Immediate: the operand value is embedded in the instruction itself. ADD R0, #5 — adds constant 5 to R0. Fast (no memory read for operand) but limited to small constants.
Register direct: operand is in a register. ADD R0, R1 — all operands in registers. Fastest execution, no memory access.
Absolute (direct): operand is at a fixed memory address. LOAD R0, $1000 — load from address 0x1000. Simple but inflexible for data structures.
Register indirect: operand is at the memory address contained in a register. LOAD R0, (R1) — R1 holds the address, load from that address.

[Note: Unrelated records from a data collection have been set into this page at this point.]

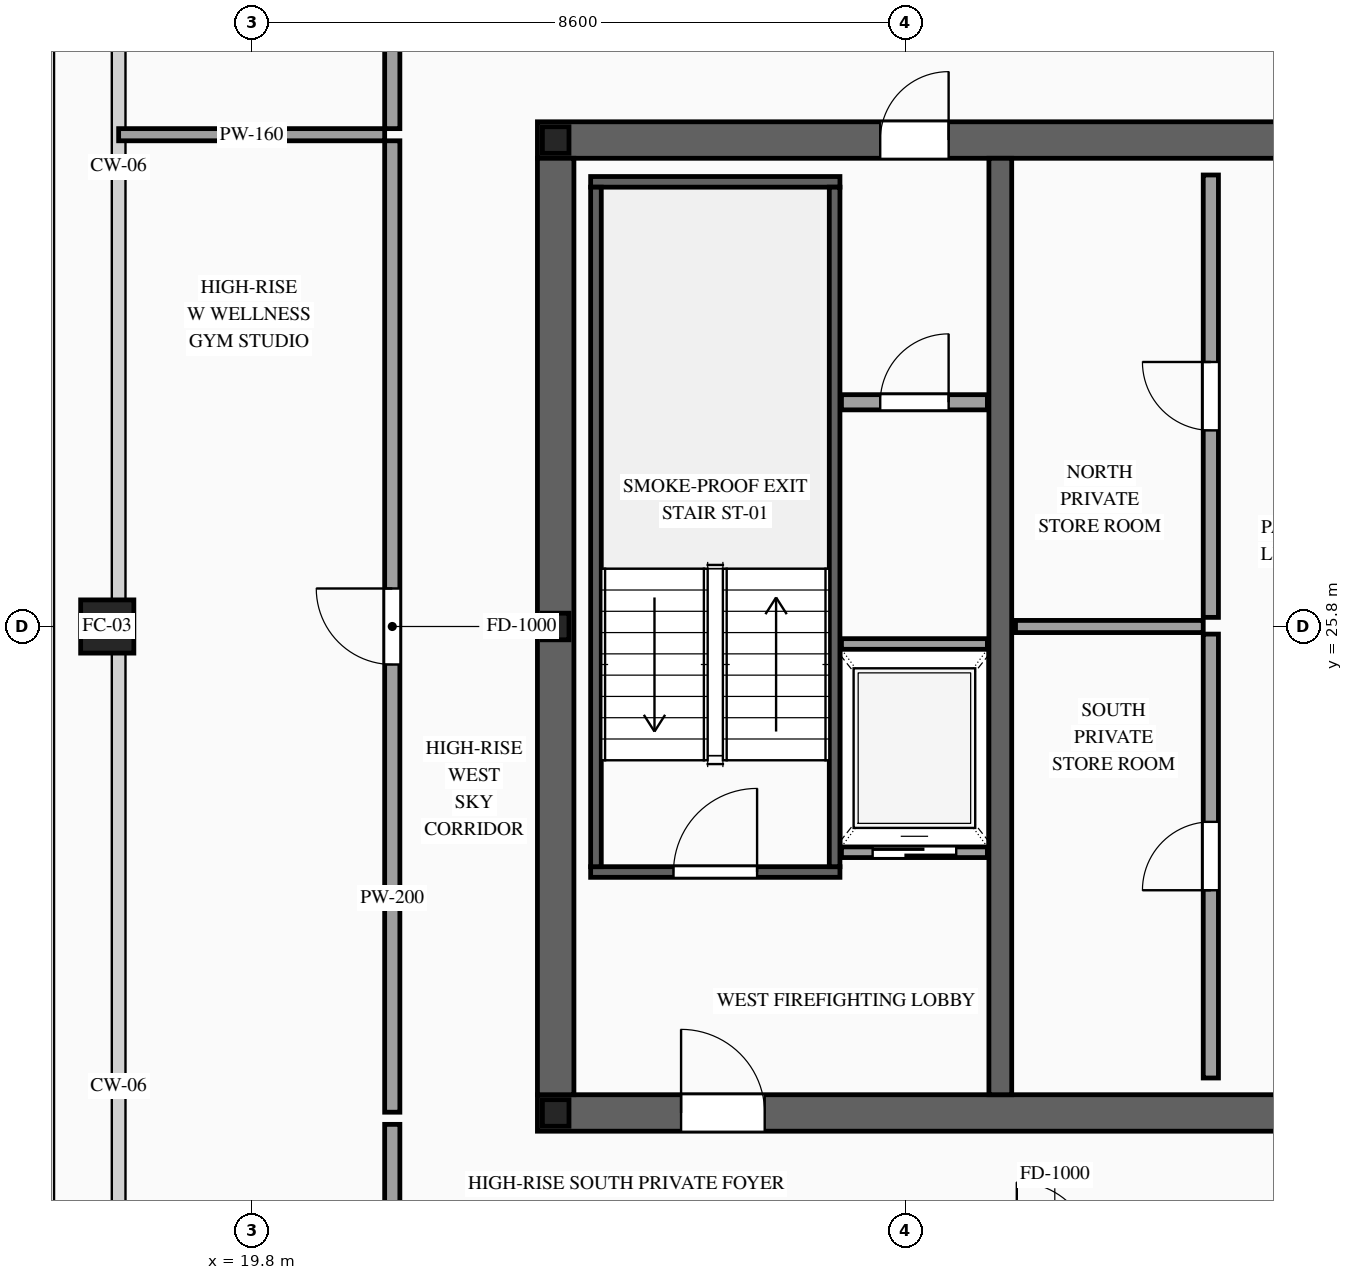
"""IFC4 building model, lengths in metres.
Left out: names, types, materials, properties, quantities, classifications, styles, units other than length and angle.
Written with IfcOpenShell. Run it as: python <this file> out.ifc"""

import sys

from ifc_helpers import new_model, si_unit, direction, frame, frame_2d, origin, origin_2d, place, context, subcontext, project, spatial, rectangle, hollow_rectangle, i_section, extrude, source, transform, mapped, element, fill, save


model = new_model("IFC4")
c1 = context("Model", 3, precision=1e-05, world=origin(), true_north=direction((0.0, 1.0)))
c2 = subcontext(c1, "Body", "Model", "MODEL_VIEW")
j1 = project(units=[si_unit("LENGTHUNIT", "METRE"), si_unit("PLANEANGLEUNIT", "RADIAN")], contexts=[c1])
p1 = place(None, origin())
s1 = spatial("IfcSite", under=j1, at=p1, CompositionType="ELEMENT")
p2 = place(p1, origin())
s2 = spatial("IfcBuilding", under=s1, at=p2, CompositionType="ELEMENT")
p3 = place(p2, frame((0.0, 0.0, 299.6)))
s3 = spatial("IfcBuildingStorey", under=s2, at=p3, CompositionType="ELEMENT", Elevation=299.6)
p4 = place(p3, frame((23.56, 19.4, 0.0), z_axis=(0.0, 0.0, 1.0), x_axis=(1.0, 0.0, 0.0)))
e1 = element("IfcWall", 1, at=p4, inside=s3, PredefinedType="SHEAR", context=c2, shape_type="SweptSolid", body=[
    extrude(rectangle(XDim=26.88, YDim=0.48, at=frame_2d((13.44, 0.0))), origin(), (0.0, 0.0, 1.0), 3.5),
])
p5 = place(p4, frame((1.89, 0.0, 0.0)))
e2 = element("IfcOpeningElement", 2, at=p5, cuts=e1, PredefinedType="OPENING", context=c2, shape_type="SweptSolid", body=[
    extrude(rectangle(XDim=1.1, YDim=2.2, at=frame_2d((0.55, 1.1))), frame((0.0, 0.255, 0.0), z_axis=(0.0, -1.0, 0.0), x_axis=(1.0, 0.0, 0.0)), (0.0, 0.0, 1.0), 0.51),
])
p6 = place(p4, frame((9.79, 0.0, 0.0)))
e3 = element("IfcOpeningElement", 3, at=p6, cuts=e1, PredefinedType="OPENING", context=c2, shape_type="SweptSolid", body=[
    extrude(rectangle(XDim=1.1, YDim=2.2, at=frame_2d((0.55, 1.1))), frame((0.0, 0.255, 0.0), z_axis=(0.0, -1.0, 0.0), x_axis=(1.0, 0.0, 0.0)), (0.0, 0.0, 1.0), 0.51),
])
p7 = place(p4, frame((22.99, 0.0, 0.0)))
e4 = element("IfcOpeningElement", 4, at=p7, cuts=e1, PredefinedType="OPENING", context=c2, shape_type="SweptSolid", body=[
    extrude(rectangle(XDim=1.1, YDim=2.2, at=frame_2d((0.55, 1.1))), frame((0.0, 0.255, 0.0), z_axis=(0.0, -1.0, 0.0), x_axis=(1.0, 0.0, 0.0)), (0.0, 0.0, 1.0), 0.51),
])
p8 = place(p4, frame((19.61, 0.0, 0.0)))
e5 = element("IfcOpeningElement", 5, at=p8, cuts=e1, PredefinedType="OPENING", context=c2, shape_type="SweptSolid", body=[
    extrude(rectangle(XDim=0.9, YDim=2.15, at=frame_2d((0.45, 1.075))), frame((0.0, 0.255, 0.0), z_axis=(0.0, -1.0, 0.0), x_axis=(1.0, 0.0, 0.0)), (0.0, 0.0, 1.0), 0.51),
])
p9 = place(p4, frame((18.17, 0.0, 0.0)))
e6 = element("IfcOpeningElement", 6, at=p9, cuts=e1, PredefinedType="OPENING", context=c2, shape_type="SweptSolid", body=[
    extrude(rectangle(XDim=0.9, YDim=2.15, at=frame_2d((0.45, 1.075))), frame((0.0, 0.255, 0.0), z_axis=(0.0, -1.0, 0.0), x_axis=(1.0, 0.0, 0.0)), (0.0, 0.0, 1.0), 0.51),
])
p10 = place(p3, frame((23.56, 32.2, 0.0), z_axis=(0.0, 0.0, 1.0), x_axis=(1.0, 0.0, 0.0)))
e7 = element("IfcWall", 7, at=p10, inside=s3, PredefinedType="SHEAR", context=c2, shape_type="SweptSolid", body=[
    extrude(rectangle(XDim=26.88, YDim=0.48, at=frame_2d((13.44, 0.0))), origin(), (0.0, 0.0, 1.0), 3.5),
])
p11 = place(p10, frame((4.51, 0.0, 0.0)))
e8 = element("IfcOpeningElement", 8, at=p11, cuts=e7, PredefinedType="OPENING", context=c2, shape_type="SweptSolid", body=[
    extrude(rectangle(XDim=0.9, YDim=2.15, at=frame_2d((0.45, 1.075))), frame((0.0, 0.255, 0.0), z_axis=(0.0, -1.0, 0.0), x_axis=(1.0, 0.0, 0.0)), (0.0, 0.0, 1.0), 0.51),
])
p12 = place(p10, frame((9.79, 0.0, 0.0)))
e9 = element("IfcOpeningElement", 9, at=p12, cuts=e7, PredefinedType="OPENING", context=c2, shape_type="SweptSolid", body=[
    extrude(rectangle(XDim=1.1, YDim=2.2, at=frame_2d((0.55, 1.1))), frame((0.0, 0.255, 0.0), z_axis=(0.0, -1.0, 0.0), x_axis=(1.0, 0.0, 0.0)), (0.0, 0.0, 1.0), 0.51),
])
p13 = place(p10, frame((15.64, 0.0, 0.0)))
e10 = element("IfcOpeningElement", 10, at=p13, cuts=e7, PredefinedType="OPENING", context=c2, shape_type="SweptSolid", body=[
    extrude(rectangle(XDim=1.1, YDim=2.2, at=frame_2d((0.55, 1.1))), frame((0.0, 0.255, 0.0), z_axis=(0.0, -1.0, 0.0), x_axis=(1.0, 0.0, 0.0)), (0.0, 0.0, 1.0), 0.51),
])
p14 = place(p10, frame((18.74, 0.0, 0.0)))
e11 = element("IfcOpeningElement", 11, at=p14, cuts=e7, PredefinedType="OPENING", context=c2, shape_type="SweptSolid", body=[
    extrude(rectangle(XDim=1.1, YDim=2.2, at=frame_2d((0.55, 1.1))), frame((0.0, 0.255, 0.0), z_axis=(0.0, -1.0, 0.0), x_axis=(1.0, 0.0, 0.0)), (0.0, 0.0, 1.0), 0.51),
])
m1 = source(origin(), c2, "Body", "SweptSolid", [
    extrude(rectangle(XDim=12.32, YDim=0.48, at=frame_2d((6.16, 0.0))), origin(), (0.0, 0.0, 1.0), 3.5),
])
p15 = place(p3, frame((23.8, 19.64, 0.0), z_axis=(0.0, 0.0, 1.0), x_axis=(0.0, 1.0, 0.0)))
e12 = element("IfcWall", 12, at=p15, inside=s3, PredefinedType="SHEAR", context=c2, shape_type="MappedRepresentation", body=[
    mapped(m1, transform((0.0, 0.0, 0.0), scale=1.0)),
])
m2 = source(origin(), c2, "Body", "SweptSolid", [
    extrude(rectangle(XDim=12.32, YDim=0.3, at=frame_2d((6.16, 0.0))), origin(), (0.0, 0.0, 1.0), 3.5),
])
p16 = place(p3, frame((29.65, 19.64, 0.0), z_axis=(0.0, 0.0, 1.0), x_axis=(0.0, 1.0, 0.0)))
e13 = element("IfcWall", 13, at=p16, inside=s3, PredefinedType="SOLIDWALL", context=c2, shape_type="MappedRepresentation", body=[
    mapped(m2, transform((0.0, 0.0, 0.0), scale=1.0)),
])
m3 = source(origin(), c2, "Body", "SweptSolid", [
    extrude(i_section(OverallWidth=0.35, OverallDepth=0.35, WebThickness=0.012, FlangeThickness=0.019, at=origin_2d()), origin(), (0.0, 0.0, 1.0), 3.5),
])
for number, where, z_axis, x_axis in (
    (14, (23.8, 19.4, 0.0), (0.0, 0.0, 1.0), (1.0, 0.0, 0.0)),
    (15, (23.8, 25.8, 0.0), (0.0, 0.0, 1.0), (1.0, 0.0, 0.0)),
    (16, (23.8, 32.2, 0.0), (0.0, 0.0, 1.0), (1.0, 0.0, 0.0)),
):
    element("IfcColumn", number, at=place(p3, frame(where, z_axis=z_axis, x_axis=x_axis)), inside=s3, PredefinedType="COLUMN", context=c2, shape_type="MappedRepresentation", body=[
        mapped(m3, transform((0.0, 0.0, 0.0), scale=1.0)),
    ])
m4 = source(origin(), c2, "Body", "SweptSolid", [
    extrude(hollow_rectangle(XDim=0.7, YDim=0.7, WallThickness=0.032, at=origin_2d()), origin(), (0.0, 0.0, 1.0), 3.5),
])
p17 = place(p3, frame((17.9, 25.8, 0.0), z_axis=(0.0, 0.0, 1.0), x_axis=(1.0, 0.0, 0.0)))
e17 = element("IfcColumn", 17, at=p17, inside=s3, PredefinedType="COLUMN", context=c2, shape_type="MappedRepresentation", body=[
    mapped(m4, transform((0.0, 0.0, 0.0), scale=1.0)),
])
p18 = place(p3, frame((27.56, 22.83, 0.0), z_axis=(0.0, 0.0, 1.0), x_axis=(1.0, 0.0, 0.0)))
e18 = element("IfcWall", 18, at=p18, inside=s3, PredefinedType="SOLIDWALL", context=c2, shape_type="SweptSolid", body=[
    extrude(rectangle(XDim=1.92, YDim=0.14, at=frame_2d((0.96, 0.0))), origin(), (0.0, 0.0, 1.0), 3.28),
])
p19 = place(p18, frame((0.41, 0.0, 0.0)))
e19 = element("IfcOpeningElement", 19, at=p19, cuts=e18, PredefinedType="OPENING", context=c2, shape_type="SweptSolid", body=[
    extrude(rectangle(XDim=1.1, YDim=2.2, at=frame_2d((0.55, 1.1))), frame((0.0, 0.085, 0.0), z_axis=(0.0, -1.0, 0.0), x_axis=(1.0, 0.0, 0.0)), (0.0, 0.0, 1.0), 0.17),
])
m5 = source(origin(), c2, "Body", "SweptSolid", [
    extrude(rectangle(XDim=1.92, YDim=0.14, at=frame_2d((0.96, 0.0))), origin(), (0.0, 0.0, 1.0), 3.28),
])
p20 = place(p3, frame((27.56, 25.57, 0.0), z_axis=(0.0, 0.0, 1.0), x_axis=(1.0, 0.0, 0.0)))
e20 = element("IfcWall", 20, at=p20, inside=s3, PredefinedType="SOLIDWALL", context=c2, shape_type="MappedRepresentation", body=[
    mapped(m5, transform((0.0, 0.0, 0.0), scale=1.0)),
])
p21 = place(p3, frame((24.26, 22.57, 0.0), z_axis=(0.0, 0.0, 1.0), x_axis=(1.0, 0.0, 0.0)))
e21 = element("IfcWall", 21, at=p21, inside=s3, PredefinedType="SOLIDWALL", context=c2, shape_type="SweptSolid", body=[
    extrude(rectangle(XDim=3.28, YDim=0.14, at=frame_2d((1.64, 0.0))), origin(), (0.0, 0.0, 1.0), 3.28),
])
p22 = place(p21, frame((1.09, 0.0, 0.0)))
e22 = element("IfcOpeningElement", 22, at=p22, cuts=e21, PredefinedType="OPENING", context=c2, shape_type="SweptSolid", body=[
    extrude(rectangle(XDim=1.1, YDim=2.2, at=frame_2d((0.55, 1.1))), frame((0.0, 0.085, 0.0), z_axis=(0.0, -1.0, 0.0), x_axis=(1.0, 0.0, 0.0)), (0.0, 0.0, 1.0), 0.17),
])
m6 = source(origin(), c2, "Body", "SweptSolid", [
    extrude(rectangle(XDim=3.28, YDim=0.14, at=frame_2d((1.64, 0.0))), origin(), (0.0, 0.0, 1.0), 3.28),
])
p23 = place(p3, frame((24.26, 31.65, 0.0), z_axis=(0.0, 0.0, 1.0), x_axis=(1.0, 0.0, 0.0)))
e23 = element("IfcWall", 23, at=p23, inside=s3, PredefinedType="SOLIDWALL", context=c2, shape_type="MappedRepresentation", body=[
    mapped(m6, transform((0.0, 0.0, 0.0), scale=1.0)),
])
m7 = source(origin(), c2, "Body", "SweptSolid", [
    extrude(rectangle(XDim=8.94, YDim=0.14, at=frame_2d((4.47, 0.0))), origin(), (0.0, 0.0, 1.0), 3.28),
])
for number, where, z_axis, x_axis in (
    (24, (24.33, 22.64, 0.0), (0.0, 0.0, 1.0), (0.0, 1.0, 0.0)),
    (25, (27.47, 22.64, 0.0), (0.0, 0.0, 1.0), (0.0, 1.0, 0.0)),
):
    element("IfcWall", number, at=place(p3, frame(where, z_axis=z_axis, x_axis=x_axis)), inside=s3, PredefinedType="SOLIDWALL", context=c2, shape_type="MappedRepresentation", body=[
        mapped(m7, transform((0.0, 0.0, 0.0), scale=1.0)),
    ])
p24 = place(p3, frame((27.56, 28.75, 0.0), z_axis=(0.0, 0.0, 1.0), x_axis=(1.0, 0.0, 0.0)))
e26 = element("IfcWall", 26, at=p24, inside=s3, PredefinedType="PARTITIONING", context=c2, shape_type="SweptSolid", body=[
    extrude(rectangle(XDim=1.92, YDim=0.2, at=frame_2d((0.96, 0.0))), origin(), (0.0, 0.0, 1.0), 3.28),
])
p25 = place(p24, frame((0.51, 0.0, 0.0)))
e27 = element("IfcOpeningElement", 27, at=p25, cuts=e26, PredefinedType="OPENING", context=c2, shape_type="SweptSolid", body=[
    extrude(rectangle(XDim=0.9, YDim=2.15, at=frame_2d((0.45, 1.075))), frame((0.0, 0.115, 0.0), z_axis=(0.0, -1.0, 0.0), x_axis=(1.0, 0.0, 0.0)), (0.0, 0.0, 1.0), 0.23),
])
p26 = place(p3, frame((32.42, 19.86, 0.0), z_axis=(0.0, 0.0, 1.0), x_axis=(0.0, 1.0, 0.0)))
e28 = element("IfcWall", 28, at=p26, inside=s3, PredefinedType="PARTITIONING", context=c2, shape_type="SweptSolid", body=[
    extrude(rectangle(XDim=5.84, YDim=0.2, at=frame_2d((2.92, 0.0))), origin(), (0.0, 0.0, 1.0), 3.28),
])
p27 = place(p26, frame((2.47, 0.0, 0.0)))
e29 = element("IfcOpeningElement", 29, at=p27, cuts=e28, PredefinedType="OPENING", context=c2, shape_type="SweptSolid", body=[
    extrude(rectangle(XDim=0.9, YDim=2.15, at=frame_2d((0.45, 1.075))), frame((0.0, 0.115, 0.0), z_axis=(0.0, -1.0, 0.0), x_axis=(1.0, 0.0, 0.0)), (0.0, 0.0, 1.0), 0.23),
])
p28 = place(p3, frame((32.42, 25.92, 0.0), z_axis=(0.0, 0.0, 1.0), x_axis=(0.0, 1.0, 0.0)))
e30 = element("IfcWall", 30, at=p28, inside=s3, PredefinedType="PARTITIONING", context=c2, shape_type="SweptSolid", body=[
    extrude(rectangle(XDim=5.82, YDim=0.2, at=frame_2d((2.91, 0.0))), origin(), (0.0, 0.0, 1.0), 3.28),
])
p29 = place(p28, frame((2.46, 0.0, 0.0)))
e31 = element("IfcOpeningElement", 31, at=p29, cuts=e30, PredefinedType="OPENING", context=c2, shape_type="SweptSolid", body=[
    extrude(rectangle(XDim=0.9, YDim=2.15, at=frame_2d((0.45, 1.075))), frame((0.0, 0.115, 0.0), z_axis=(0.0, -1.0, 0.0), x_axis=(1.0, 0.0, 0.0)), (0.0, 0.0, 1.0), 0.23),
])
m8 = source(origin(), c2, "Body", "SweptSolid", [
    extrude(rectangle(XDim=2.47, YDim=0.16, at=frame_2d((1.235, 0.0))), origin(), (0.0, 0.0, 1.0), 3.28),
])
p30 = place(p3, frame((29.85, 25.8, 0.0), z_axis=(0.0, 0.0, 1.0), x_axis=(1.0, 0.0, 0.0)))
e32 = element("IfcWall", 32, at=p30, inside=s3, PredefinedType="PARTITIONING", context=c2, shape_type="MappedRepresentation", body=[
    mapped(m8, transform((0.0, 0.0, 0.0), scale=1.0)),
])
m9 = source(origin(), c2, "Body", "SweptSolid", [
    extrude(rectangle(XDim=1.7, YDim=0.2, at=frame_2d((0.85, 0.0))), origin(), (0.0, 0.0, 1.0), 3.28),
])
for number, where, z_axis, x_axis in (
    (33, (21.65, 32.35, 0.0), (0.0, 0.0, 1.0), (0.0, 1.0, 0.0)),
    (34, (21.65, 17.55, 0.0), (0.0, 0.0, 1.0), (0.0, 1.0, 0.0)),
):
    element("IfcWall", number, at=place(p3, frame(where, z_axis=z_axis, x_axis=x_axis)), inside=s3, PredefinedType="PARTITIONING", context=c2, shape_type="MappedRepresentation", body=[
        mapped(m9, transform((0.0, 0.0, 0.0), scale=1.0)),
    ])
p31 = place(p3, frame((21.65, 19.41, 0.0), z_axis=(0.0, 0.0, 1.0), x_axis=(0.0, 1.0, 0.0)))
e35 = element("IfcWall", 35, at=p31, inside=s3, PredefinedType="PARTITIONING", context=c2, shape_type="SweptSolid", body=[
    extrude(rectangle(XDim=12.78, YDim=0.2, at=frame_2d((6.39, 0.0))), origin(), (0.0, 0.0, 1.0), 3.28),
])
p32 = place(p31, frame((5.89, 0.0, 0.0)))
e36 = element("IfcOpeningElement", 36, at=p32, cuts=e35, PredefinedType="OPENING", context=c2, shape_type="SweptSolid", body=[
    extrude(rectangle(XDim=1.0, YDim=2.2, at=frame_2d((0.5, 1.1))), frame((0.0, 0.115, 0.0), z_axis=(0.0, -1.0, 0.0), x_axis=(1.0, 0.0, 0.0)), (0.0, 0.0, 1.0), 0.23),
])
m10 = source(origin(), c2, "Body", "SweptSolid", [
    extrude(rectangle(XDim=3.5, YDim=0.16, at=frame_2d((1.75, 0.0))), origin(), (0.0, 0.0, 1.0), 2.825),
])
p33 = place(p3, frame((18.05, 32.27, 0.0), z_axis=(0.0, 0.0, 1.0), x_axis=(1.0, 0.0, 0.0)))
e37 = element("IfcWall", 37, at=p33, inside=s3, PredefinedType="PARTITIONING", context=c2, shape_type="MappedRepresentation", body=[
    mapped(m10, transform((0.0, 0.0, 0.0), scale=1.0)),
])
m11 = source(origin(), c2, "Body", "SweptSolid", [
    extrude(rectangle(XDim=1.1, YDim=2.2, at=frame_2d((0.55, 1.1))), frame((0.0, 0.025, 0.0), z_axis=(0.0, -1.0, 0.0), x_axis=(1.0, 0.0, 0.0)), (0.0, 0.0, 1.0), 0.05),
])
p34 = place(p19, origin())
e38 = element("IfcDoor", 38, at=p34, inside=s3, OperationType="SLIDING_TO_LEFT", PredefinedType="DOOR", context=c2, shape_type="MappedRepresentation", body=[
    mapped(m11, transform((0.0, 0.0, 0.0), scale=1.0)),
])
fill(e19, e38)
m12 = source(origin(), c2, "Body", "SweptSolid", [
    extrude(rectangle(XDim=1.1, YDim=2.2, at=frame_2d((0.55, 1.1))), frame((0.0, 0.025, 0.0), z_axis=(0.0, -1.0, 0.0), x_axis=(1.0, 0.0, 0.0)), (0.0, 0.0, 1.0), 0.05),
])
p35 = place(p22, origin())
e39 = element("IfcDoor", 39, at=p35, inside=s3, OperationType="SINGLE_SWING_RIGHT", PredefinedType="DOOR", context=c2, shape_type="MappedRepresentation", body=[
    mapped(m12, transform((0.0, 0.0, 0.0), scale=1.0)),
])
fill(e22, e39)
p36 = place(p5, origin())
e40 = element("IfcDoor", 40, at=p36, inside=s3, OperationType="SINGLE_SWING_LEFT", PredefinedType="DOOR", context=c2, shape_type="MappedRepresentation", body=[
    mapped(m12, transform((0.0, 0.0, 0.0), scale=1.0)),
])
fill(e2, e40)
m13 = source(origin(), c2, "Body", "SweptSolid", [
    extrude(rectangle(XDim=0.9, YDim=2.15, at=frame_2d((0.45, 1.075))), frame((0.0, 0.025, 0.0), z_axis=(0.0, -1.0, 0.0), x_axis=(1.0, 0.0, 0.0)), (0.0, 0.0, 1.0), 0.05),
])
p37 = place(p11, origin())
e41 = element("IfcDoor", 41, at=p37, inside=s3, OperationType="SINGLE_SWING_RIGHT", PredefinedType="DOOR", context=c2, shape_type="MappedRepresentation", body=[
    mapped(m13, transform((0.0, 0.0, 0.0), scale=1.0)),
])
fill(e8, e41)
p38 = place(p25, origin())
e42 = element("IfcDoor", 42, at=p38, inside=s3, OperationType="SINGLE_SWING_RIGHT", PredefinedType="DOOR", context=c2, shape_type="MappedRepresentation", body=[
    mapped(m13, transform((0.0, 0.0, 0.0), scale=1.0)),
])
fill(e27, e42)
p39 = place(p27, origin())
e43 = element("IfcDoor", 43, at=p39, inside=s3, OperationType="SINGLE_SWING_LEFT", PredefinedType="DOOR", context=c2, shape_type="MappedRepresentation", body=[
    mapped(m13, transform((0.0, 0.0, 0.0), scale=1.0)),
])
fill(e29, e43)
p40 = place(p29, origin())
e44 = element("IfcDoor", 44, at=p40, inside=s3, OperationType="SINGLE_SWING_RIGHT", PredefinedType="DOOR", context=c2, shape_type="MappedRepresentation", body=[
    mapped(m13, transform((0.0, 0.0, 0.0), scale=1.0)),
])
fill(e31, e44)
m14 = source(origin(), c2, "Body", "SweptSolid", [
    extrude(rectangle(XDim=1.0, YDim=2.2, at=frame_2d((0.5, 1.1))), frame((0.0, 0.025, 0.0), z_axis=(0.0, -1.0, 0.0), x_axis=(1.0, 0.0, 0.0)), (0.0, 0.0, 1.0), 0.05),
])
p41 = place(p32, origin())
e45 = element("IfcDoor", 45, at=p41, inside=s3, OperationType="SINGLE_SWING_RIGHT", PredefinedType="DOOR", context=c2, shape_type="MappedRepresentation", body=[
    mapped(m14, transform((0.0, 0.0, 0.0), scale=1.0)),
])
fill(e36, e45)
save(model, sys.argv[1])

Enables pointers and dynamic addressing.
Indexed: effective address = base register + index register (or immediate offset). LOAD R0, $100(R1) — load from address 0x100 + R1. Enables array access (base + index).
Each additional addressing mode adds complexity to the decoder and execute stage. Start with immediate, register direct, and absolute. Add indirect when pointers are needed.
Condition Codes and Branching
The status register (flags register) holds condition codes set by arithmetic and logic instructions:
- Z (Zero): result was zero
- C (Carry): addition produced carry out, or subtraction needed borrow
- N (Negative): result’s MSB is 1 (negative in two’s complement)
- V (Overflow): signed arithmetic overflowed
Branch instructions test one or more condition codes:
- JZ: jump if Z=1 (result was zero)
- JNZ: jump if Z=0 (result was nonzero)
- JC: jump if C=1 (carry occurred)
- JN: jump if N=1 (result negative)
- JGE: jump if N XOR V = 0 (signed greater-or-equal)
The compare instruction (CMP RegA, RegB = SUB but discard result, set flags) sets condition codes without modifying registers, enabling pure condition testing before branching.
Carefully designed condition codes and branch instructions allow the full range of if/else/while/for constructs to be compiled or hand-coded into assembly. Get the condition code logic right early — it is difficult to change later without breaking all existing programs.